Expected value of $g(x, y)$ without having their joint distribution For two random variables: $X$, $Y$. If their marginal distributions are given $f_X(x)$, $f_Y(y)$ and $g(x, y)$ is some function of $X$ and $Y$. Can I get the expected value of $g(x, y)$ if I know their covariance matrix but I do not have their joint distribution $f_{X,Y}(x, y)$
 A: Here's an explicit counterexample:$\DeclareMathOperator{\E}{\mathbb E}$
Consider the function $g(x, y) = x^2 y^2$ and the marginal distributions $X \sim \mathcal N(0, 1)$, $Y \sim \mathcal N(0, 1)$, and no covariance: $\E[X Y] = 0$.

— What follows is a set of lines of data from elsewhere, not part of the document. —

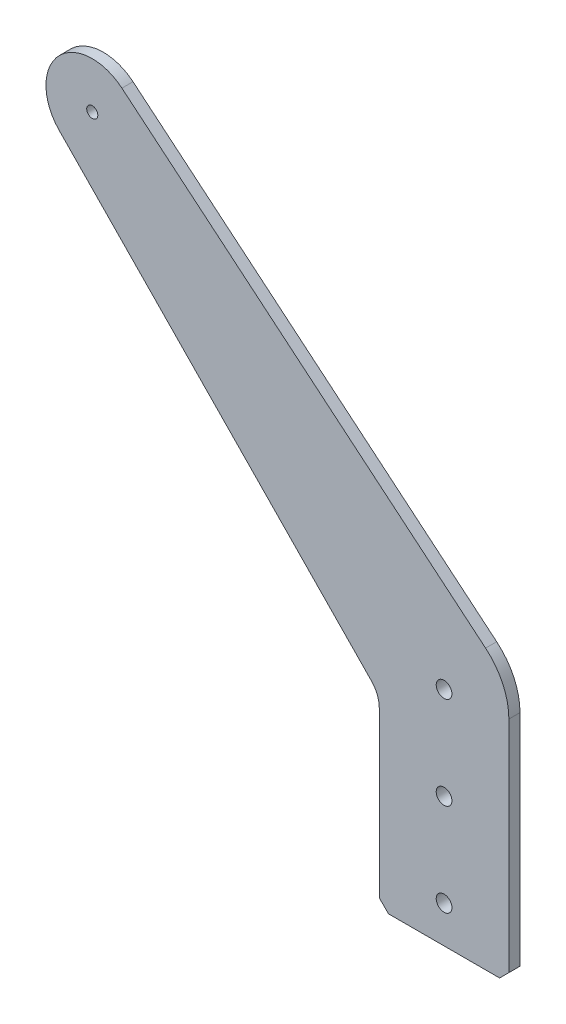
from build123d import *

# Parameters (mm, degrees)
SKETCH_1_R      = 3
SKETCH_1_R_2    = 4.25
EXTRUDE_1_DEPTH = 6
CHAMFER_1_SIZE  = 5


with BuildPart() as part:
    # 草图1 → 凸台-拉伸1 (new body)
    with BuildSketch(Plane.XY):
        with BuildLine():
            Line((16.006925776, 19.203601933), (212.409696086, -144.505507303))
            ThreePointArc((212.409696086, -144.505507303), (221.696524755, -156.547022178), (225, -171.390550009))
            Line((225, -171.390550009), (225, -295))
            Line((225, -295), (155, -295))
            Line((155, -295), (155, -201.097000919))
            ThreePointArc((155, -201.097000919), (153.895948255, -195.4487603), (150.746317055, -190.631979669))
            Line((150.746317055, -190.631979669), (-17.910528426, -17.441702082))
            ThreePointArc((-17.910528426, -17.441702082), (-18.347356822, 16.981592907), (16.006925776, 19.203601933))
        make_face()
        Circle(SKETCH_1_R, mode=Mode.SUBTRACT)
        with Locations((190, -275)):
            Circle(SKETCH_1_R_2, mode=Mode.SUBTRACT)
        with Locations((190, -225)):
            Circle(SKETCH_1_R_2, mode=Mode.SUBTRACT)
        with Locations((190, -175)):
            Circle(SKETCH_1_R_2, mode=Mode.SUBTRACT)
    extrude(amount=EXTRUDE_1_DEPTH)

    # 倒角1
    chamfer_1_edges = [part.edges().sort_by_distance(p)[0] for p in [
        (225, -295, 3),
        (155, -295, 3),
    ]]
    chamfer(chamfer_1_edges, length=CHAMFER_1_SIZE)


solid = part.part

If $X$ and $Y$ are independent, so that $\begin{bmatrix}X \\ Y\end{bmatrix} \sim \mathcal N\left( \begin{bmatrix}0 \\ 0\end{bmatrix}, \begin{bmatrix}1 & 0 \\ 0 & 1 \end{bmatrix} \right)$,
then
$$
\E\left[g(X, Y)\right]
= \E\left[X^2 Y^2\right]
= \E\left[X^2\right] \E\left[Y^2\right]
= 1
.$$
But consider instead the case $Y = Z X$, where $Z \sim \operatorname{Uniform}(\{-1, 1\})$ is independent.
We can check that the marginal distribution of $Y$ is still correct:
\begin{align}
     \Pr(Y \le y)
  &= \Pr(Z X \le y)
\\&= \Pr(Z = 1) \Pr(X \le y \mid Z = 1) + \Pr(Z = -1) \Pr(X \ge -y \mid Z = -1)
\\&= \frac12 \Pr(X \le y \mid Z = 1) + \frac12 \Pr(X \ge -y \mid Z = -1)
\\&= \frac12 \Pr(X \le y) + \frac12 \Pr(X \ge -y)
\\&= \Pr(X \le y)
\end{align}
because $Z$ is independent of $X$ and the distribution of $X$ is symmetric about 0.
We also have that $X$ and $Y$ are uncorrelated:
$$
\E[X Y] - \E[X] \E[Y]
= \E[X (Z X)] - 0
= \E[X^2] \E[Z]
= 1 \cdot 0
= 0
.$$
But the expectation of $g$ is different than the other case:
$$
\E\left[g(X, Y)\right]
= \E\left[X^2 Y^2\right]
= \E\left[X^2 (Z X)^2\right]
= \E\left[X^4\right] \E\left[Z^2\right]
= 3
.$$

Here's the one case where you can compute it:
suppose that $g$ is of the form
$$g(x, y) = g_x(x) + g_y(y) + \alpha x y + \beta.$$
Then
$$
\E[g(X, Y)]
= \E[g_x(X)] + \E[g_y(Y)] + \alpha \E[X Y] + \beta
,$$
so you can compute the expectations of $g_x$ and $g_y$ using the marginal distribution, and you know $\E[X Y] = \rho + \E[X] \E[Y]$.
A: There may be special cases, but in general, If you could get any $E[g(x,y)]$, then you could get any joint moment. And, that should reveal the joint distribution, and I don't think you can do this using only covariance matrix.
Thinking in 1D, if you have any moment, you can write the moment generating function, which lead to characteristic function, which also lead to PDF. In 2D, if you have any joint moment, that should in some way similarly lead to joint PDF.